1. Training ALS model with input ratings data...
Successfully trained!
3. Saving model...
Model saved at  dbfs:/FileStore/tables/new_ratings_model
Out[50]: ALSModel: uid=ALS_47d9093dc26c, rank=5

The model is retrained in ~6 mins.
ALS is not designed for a real-time recommendation.  Any time the dataset change (for example, user rates on a new movie or add a new user), ALS need to retrain on the whole dataset again, so there's a layback due to computation costs.  \
One should consider **hybrid models** that manage the latency and accuracy tradeoff and be able to deliver desirable results effectively.

In [0]:
#load the new model
new_ratings_model = ALSModel.load("dbfs:/FileStore/tables/new_ratings_model")

In [0]:
new_fit.recommend_user(0, 20, new_ratings_model)

Top 20 recommended movie(s) for user with Id 0: 


Unnamed: 0,movieId,userId,rating,title,genres
0,151989,0,7.120394,The Thorn (1971),Comedy
1,177209,0,6.773423,Acı Aşk (2009),Drama
2,98595,0,6.362688,Peppermint Soda (Diabolo menthe) (1977),Comedy|Drama
3,193369,0,6.11898,Starie znakomie (1956),Animation
4,192089,0,6.109591,"National Theatre Live: One Man, Two Guvnors (2...",Comedy
5,157791,0,6.065419,.hack Liminality In the Case of Kyoko Tohno,(no genres listed)
6,120134,0,5.985489,Doggiewoggiez! Poochiewoochiez! (2012),Comedy
7,184299,0,5.954202,Freedom on My Mind (1994),Documentary
8,183947,0,5.945487,NOFX Backstage Passport 2,(no genres listed)
9,190707,0,5.882737,1968 (2018),(no genres listed)
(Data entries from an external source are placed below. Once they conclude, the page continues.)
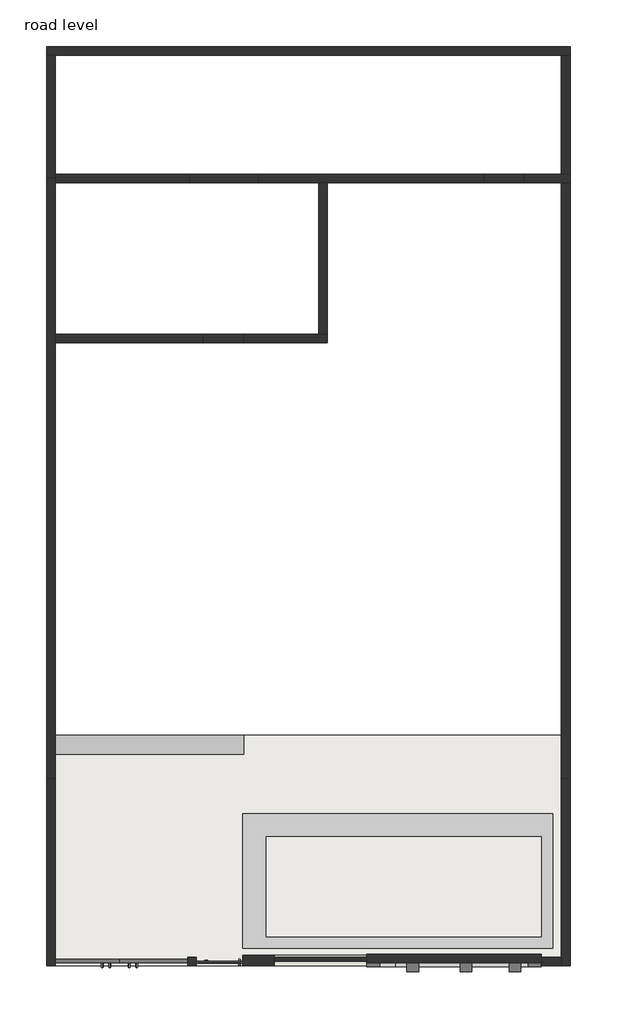
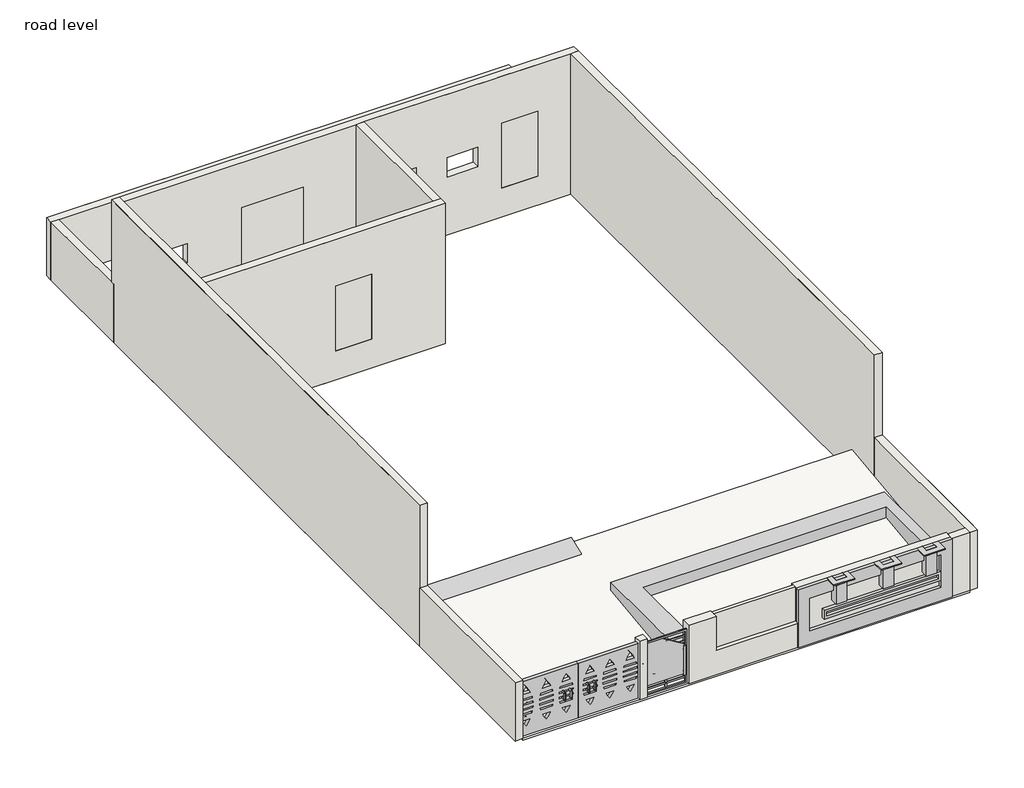
# One storey, incomplete: 28 walls, 5 proxies, 1 slab.
"""IFC4 building model written with IfcOpenShell, lengths in millimetres."""

from ifc_helpers import new_model, si_unit, frame, origin, place, context, project, spatial, polyline, outline, extrude, faceted_brep, transform, mapped, element, save
from components import generic_models_42d6764e, generic_models_918bcdec, generic_models_1_generic_models_1_c1f2a5b8, generic_models_2_generic_models_2_23ebf3b1, generic_models_3_generic_models_3_686a9f3b

model = new_model("IFC4")

# Units and contexts
model_context = context("Model", 3, world=origin())
ifc_project = project(units=[si_unit("LENGTHUNIT", "METRE", prefix="MILLI")], contexts=[model_context])

# Site, building, storey
site = spatial("IfcSite", under=ifc_project)
building = spatial("IfcBuilding", under=site)
storey = spatial("IfcBuildingStorey", under=building, Name="road level", Elevation=-914.4)

# Proxies
placement = place(None, origin())
generic_models_shape = generic_models_42d6764e(model_context)
element("IfcBuildingElementProxy", 1, Name="Generic Models", at=placement, inside=storey, context=model_context, shape_type="MappedRepresentation", body=[
    mapped(generic_models_shape, transform((7221.6695208, -9919.7758122, -914.4), x_axis=(1.0, 0.0, 0.0), y_axis=(0.0, 1.0, 0.0), z_axis=(0.0, 0.0, 1.0))),
])
generic_models_2_shape = generic_models_918bcdec(model_context)
element("IfcBuildingElementProxy", 2, Name="Generic Models", at=placement, inside=storey, context=model_context, shape_type="MappedRepresentation", body=[
    mapped(generic_models_2_shape, transform((10401.6916032, -9983.2758122, -914.4), x_axis=(1.0, 0.0, 0.0), y_axis=(0.0, 1.0, 0.0), z_axis=(0.0, 0.0, 1.0))),
])
generic_models_1_generic_models_1_shape = generic_models_1_generic_models_1_c1f2a5b8(model_context)
element("IfcBuildingElementProxy", 3, Name="Generic Models 1 : Generic Models 1", ObjectType="Generic Models 1 : Generic Models 1", at=placement, inside=storey, context=model_context, shape_type="MappedRepresentation", body=[
    mapped(generic_models_1_generic_models_1_shape, transform((0.0, 0.0, 0.0), x_axis=(1.0, 0.0, 0.0), y_axis=(0.0, 1.0, 0.0), z_axis=(0.0, 0.0, 1.0))),
])
generic_models_2_generic_models_2_shape = generic_models_2_generic_models_2_23ebf3b1(model_context)
element("IfcBuildingElementProxy", 4, Name="Generic Models 2 : Generic Models 2", ObjectType="Generic Models 2 : Generic Models 2", at=placement, inside=storey, context=model_context, shape_type="MappedRepresentation", body=[
    mapped(generic_models_2_generic_models_2_shape, transform((0.0, 0.0, 0.0), x_axis=(1.0, 0.0, 0.0), y_axis=(0.0, 1.0, 0.0), z_axis=(0.0, 0.0, 1.0))),
])
generic_models_3_generic_models_3_shape = generic_models_3_generic_models_3_686a9f3b(model_context)
element("IfcBuildingElementProxy", 5, Name="Generic Models 3 : Generic Models 3", ObjectType="Generic Models 3 : Generic Models 3", at=placement, inside=storey, context=model_context, shape_type="MappedRepresentation", body=[
    mapped(generic_models_3_generic_models_3_shape, transform((0.0, 0.0, 0.0), x_axis=(1.0, 0.0, 0.0), y_axis=(0.0, 1.0, 0.0), z_axis=(0.0, 0.0, 1.0))),
])

# Slab
element("IfcSlab", 6, at=placement, inside=storey, context=model_context, shape_type="SweptSolid", body=[
    extrude(outline(polyline([(-10097.5758122, -965.2), (-10097.5758122, -914.4), (-4052.3758122, -152.4), (-4052.3758122, -203.2), (-10097.5758122, -965.2)])), frame((5486.7916032, 0.0, 0.0), z_axis=(1.0, 0.0, 0.0), x_axis=(0.0, 1.0, 0.0)), (0.0, 0.0, 1.0), 13258.8),
])

# Walls
element("IfcWall", 7, ObjectType="4.5\"", at=placement, inside=storey, context=model_context, shape_type="SweptSolid", body=[
    extrude(outline(polyline([(13640.8433417, -9983.2758122), (11221.8271119, -9983.2758122), (11221.8271119, -9868.9758122), (13640.8433417, -9868.9758122), (13640.8433417, -9983.2758122)])), frame((0.0, 0.0, -914.4), z_axis=(0.0, 0.0, 1.0), x_axis=(1.0, 0.0, 0.0)), (0.0, 0.0, 1.0), 1828.8),
])
element("IfcWall", 8, ObjectType="9\" wall", at=placement, inside=storey, context=model_context, shape_type="SweptSolid", body=[
    extrude(outline(polyline([(5486.7916032, -5195.3758122), (5486.7916032, -10097.5758122), (5258.1916032, -10097.5758122), (5258.1916032, -5195.3758122), (5486.7916032, -5195.3758122)])), frame((0.0, 0.0, -914.4), z_axis=(0.0, 0.0, 1.0), x_axis=(1.0, 0.0, 0.0)), (0.0, 0.0, 1.0), 1828.8),
])
element("IfcWall", 9, ObjectType="9\" wall", at=placement, inside=storey, context=model_context, shape_type="Brep", body=[
    faceted_brep([(5258.1916032, 13753.0241878, -914.4), (5486.7916032, 13753.0241878, -914.4), (18745.5916032, 13753.0241878, -914.4), (18974.1916032, 13753.0241878, -914.4), (18974.1916032, 13753.0241878, 914.4), (18745.5916032, 13753.0241878, 914.4), (5486.7916032, 13753.0241878, 914.4), (5258.1916032, 13753.0241878, 914.4), (5258.1916032, 13981.6241878, -914.4), (5258.1916032, 13981.6241878, 914.4), (18974.1916032, 13981.6241878, 914.4), (18974.1916032, 13981.6241878, -914.4)], [[[0, 1, 2, 3, 4, 5, 6, 7]], [[8, 9, 10, 11]], [[3, 2, 1, 0, 8, 11]], [[7, 6, 5, 4, 10, 9]], [[0, 7, 9, 8]], [[4, 3, 11, 10]]]),
])
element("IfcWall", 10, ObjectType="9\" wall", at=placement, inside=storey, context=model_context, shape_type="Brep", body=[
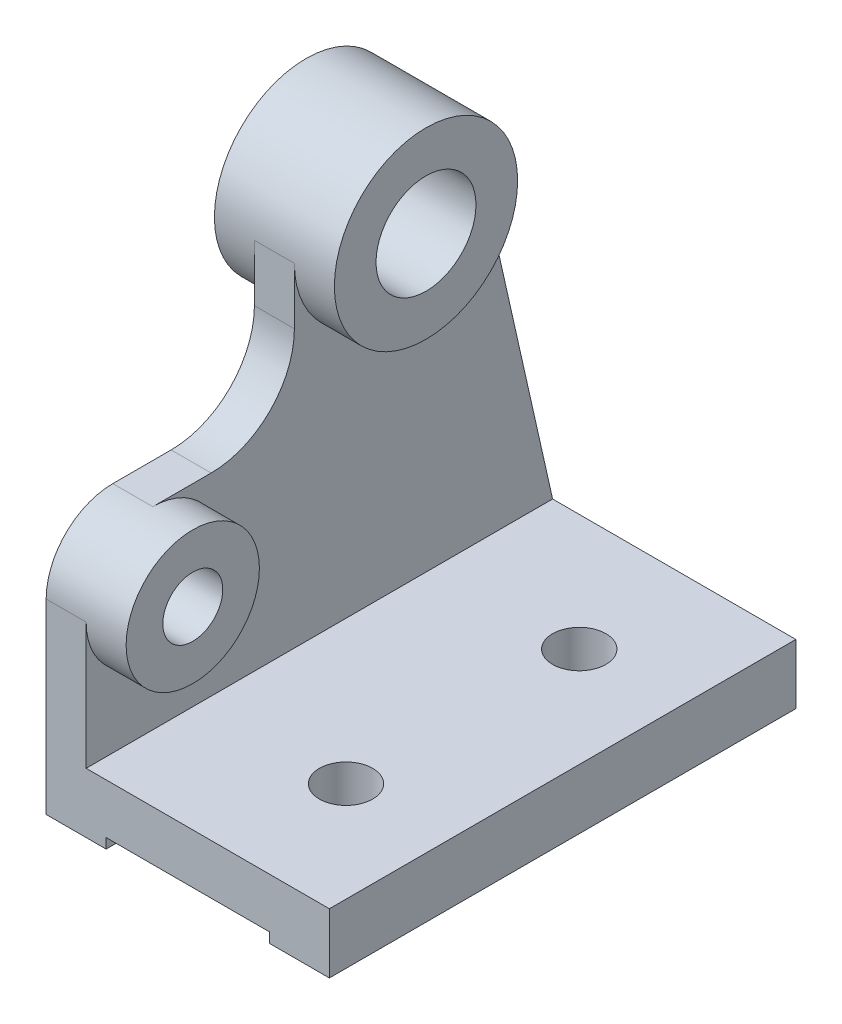
ISO-10303-21;
HEADER;
FILE_DESCRIPTION(('STEP AP214'),'2;1');
FILE_NAME('part.step','',(''),(''),'','','');
FILE_SCHEMA(('AUTOMOTIVE_DESIGN { 1 0 10303 214 1 1 1 1 }'));
ENDSEC;
DATA;
#1=APPLICATION_CONTEXT('core data for automotive mechanical design processes');
#2=APPLICATION_PROTOCOL_DEFINITION('international standard','automotive_design',2000,#1);
#3=PRODUCT_CONTEXT('',#1,'mechanical');
#4=PRODUCT('Part','Part','',(#3));
#5=PRODUCT_RELATED_PRODUCT_CATEGORY('part','',(#4));
#6=PRODUCT_DEFINITION_FORMATION('','',#4);
#7=PRODUCT_DEFINITION_CONTEXT('part definition',#1,'design');
#8=PRODUCT_DEFINITION('design','',#6,#7);
#9=PRODUCT_DEFINITION_SHAPE('','',#8);
#10=(LENGTH_UNIT() NAMED_UNIT(*) SI_UNIT(.MILLI.,.METRE.));
#11=(NAMED_UNIT(*) PLANE_ANGLE_UNIT() SI_UNIT($,.RADIAN.));
#12=(NAMED_UNIT(*) SI_UNIT($,.STERADIAN.) SOLID_ANGLE_UNIT());
#13=UNCERTAINTY_MEASURE_WITH_UNIT(LENGTH_MEASURE(1.E-05),#10,'distance_accuracy_value','');
#14=(GEOMETRIC_REPRESENTATION_CONTEXT(3) GLOBAL_UNCERTAINTY_ASSIGNED_CONTEXT((#13)) GLOBAL_UNIT_ASSIGNED_CONTEXT((#10,
#11,#12)) REPRESENTATION_CONTEXT('',''));
#15=CARTESIAN_POINT('',(0.,0.,0.));
#16=DIRECTION('',(0.,0.,1.));
#17=DIRECTION('',(1.,0.,0.));
#18=AXIS2_PLACEMENT_3D('',#15,#16,#17);
#19=CARTESIAN_POINT('',(-30.5,0.,0.));
#20=DIRECTION('',(-1.,0.,0.));
#21=DIRECTION('',(0.,0.,1.));
#22=AXIS2_PLACEMENT_3D('',#19,#20,#21);
#23=PLANE('',#22);
#24=CARTESIAN_POINT('',(-30.5,118.,-20.));
#25=DIRECTION('',(1.,0.,0.));
#26=DIRECTION('',(0.,0.,-1.));
#27=AXIS2_PLACEMENT_3D('',#24,#25,#26);
#28=CIRCLE('',#27,27.5);
#29=CARTESIAN_POINT('',(-30.5,118.,7.5));
#30=VERTEX_POINT('',#29);
#31=CARTESIAN_POINT('',(-30.5,118.,-47.5));
#32=VERTEX_POINT('',#31);
#33=EDGE_CURVE('E153',#30,#32,#28,.T.);
#34=ORIENTED_EDGE('',*,*,#33,.F.);
#35=DIRECTION('',(0.,-1.,0.));
#36=VECTOR('',#35,1.);
#37=CARTESIAN_POINT('',(-30.5,0.,7.49999999999995));
#38=LINE('',#37,#36);
#39=CARTESIAN_POINT('',(-30.5,101.,7.49999999999999));
#40=VERTEX_POINT('',#39);
#41=EDGE_CURVE('E160',#30,#40,#38,.T.);
#42=ORIENTED_EDGE('',*,*,#41,.T.);
#43=CARTESIAN_POINT('',(-30.5,101.,32.5));
#44=DIRECTION('',(-1.,0.,0.));
#45=DIRECTION('',(0.,0.,1.));
#46=AXIS2_PLACEMENT_3D('',#43,#44,#45);
#47=CIRCLE('',#46,25.);
#48=CARTESIAN_POINT('',(-30.5,76.,32.5));
#49=VERTEX_POINT('',#48);
#50=EDGE_CURVE('E178',#49,#40,#47,.F.);
#51=ORIENTED_EDGE('',*,*,#50,.F.);
#52=DIRECTION('',(0.,0.,-1.));
#53=VECTOR('',#52,1.);
#54=CARTESIAN_POINT('',(-30.5,76.,0.));
#55=LINE('',#54,#53);
#56=CARTESIAN_POINT('',(-30.5,76.,50.));
#57=VERTEX_POINT('',#56);
#58=EDGE_CURVE('E182',#57,#49,#55,.T.);
#59=ORIENTED_EDGE('',*,*,#58,.F.);
#60=CARTESIAN_POINT('',(-30.5,56.,50.));
#61=DIRECTION('',(-1.,0.,0.));
#62=DIRECTION('',(0.,0.,1.));
#63=AXIS2_PLACEMENT_3D('',#60,#61,#62);
#64=CIRCLE('',#63,20.);
#65=CARTESIAN_POINT('',(-30.5,56.,70.));
#66=VERTEX_POINT('',#65);
#67=EDGE_CURVE('E57',#66,#57,#64,.F.);
#68=ORIENTED_EDGE('',*,*,#67,.F.);
#69=DIRECTION('',(0.,1.,0.));
#70=VECTOR('',#69,1.);
#71=CARTESIAN_POINT('',(-30.5,0.,70.));
#72=LINE('',#71,#70);
#73=CARTESIAN_POINT('',(-30.5,18.,70.));
#74=VERTEX_POINT('',#73);
#75=EDGE_CURVE('E188',#74,#66,#72,.T.);
#76=ORIENTED_EDGE('',*,*,#75,.F.);
#77=DIRECTION('',(0.,0.,-1.));
#78=VECTOR('',#77,1.);
#79=CARTESIAN_POINT('',(-30.5,18.,0.));
#80=LINE('',#79,#78);
#81=CARTESIAN_POINT('',(-30.5,18.,-70.));
#82=VERTEX_POINT('',#81);
#83=EDGE_CURVE('E62',#74,#82,#80,.T.);
#84=ORIENTED_EDGE('',*,*,#83,.T.);
#85=DIRECTION('',(0.,0.975609756097561,0.219512195121951));
#86=VECTOR('',#85,1.);
#87=CARTESIAN_POINT('',(-30.5,15.8584176085663,-70.4818560380726));
#88=LINE('',#87,#86);
#89=EDGE_CURVE('E159',#82,#32,#88,.T.);
#90=ORIENTED_EDGE('',*,*,#89,.T.);
#91=EDGE_LOOP('',(#34,#42,#51,#59,#68,#76,#84,#90));
#92=FACE_BOUND('',#91,.T.);
#93=ADVANCED_FACE('F50',(#92),#23,.F.);
#94=CARTESIAN_POINT('',(0.,0.,0.));
#95=DIRECTION('',(0.,1.,0.));
#96=DIRECTION('',(0.,0.,1.));
#97=AXIS2_PLACEMENT_3D('',#94,#95,#96);
#98=PLANE('',#97);
#99=DIRECTION('',(-1.,0.,0.));
#100=VECTOR('',#99,1.);
#101=CARTESIAN_POINT('',(-42.5,0.,-70.));
#102=LINE('',#101,#100);
#103=CARTESIAN_POINT('',(-24.5,0.,-70.));
#104=VERTEX_POINT('',#103);
#105=CARTESIAN_POINT('',(-42.5,0.,-70.));
#106=VERTEX_POINT('',#105);
#107=EDGE_CURVE('E249',#104,#106,#102,.T.);
#108=ORIENTED_EDGE('',*,*,#107,.F.);
#109=DIRECTION('',(0.,0.,1.));
#110=VECTOR('',#109,1.);
#111=CARTESIAN_POINT('',(-24.5,0.,0.));
#112=LINE('',#111,#110);
#113=CARTESIAN_POINT('',(-24.5,0.,70.));
#114=VERTEX_POINT('',#113);
#115=EDGE_CURVE('E275',#104,#114,#112,.T.);
#116=ORIENTED_EDGE('',*,*,#115,.T.);
#117=DIRECTION('',(1.,0.,0.));
#118=VECTOR('',#117,1.);
#119=CARTESIAN_POINT('',(-42.5,0.,70.));
#120=LINE('',#119,#118);
#121=CARTESIAN_POINT('',(-42.5,0.,70.));
#122=VERTEX_POINT('',#121);
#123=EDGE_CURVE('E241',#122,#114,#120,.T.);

An issue with ALS and collaborative filtering in general is for first time users, the program could give the top rated movies over all users. Since for this new user 0, we only rated 15 movies, which is fewer than the minimum number of movie ratings given by a user, the system likes to recommend some common movies such as the first two movies in the list above. I ran another set of movies for user id 0 and the same top two movies were repeated in the recommended list.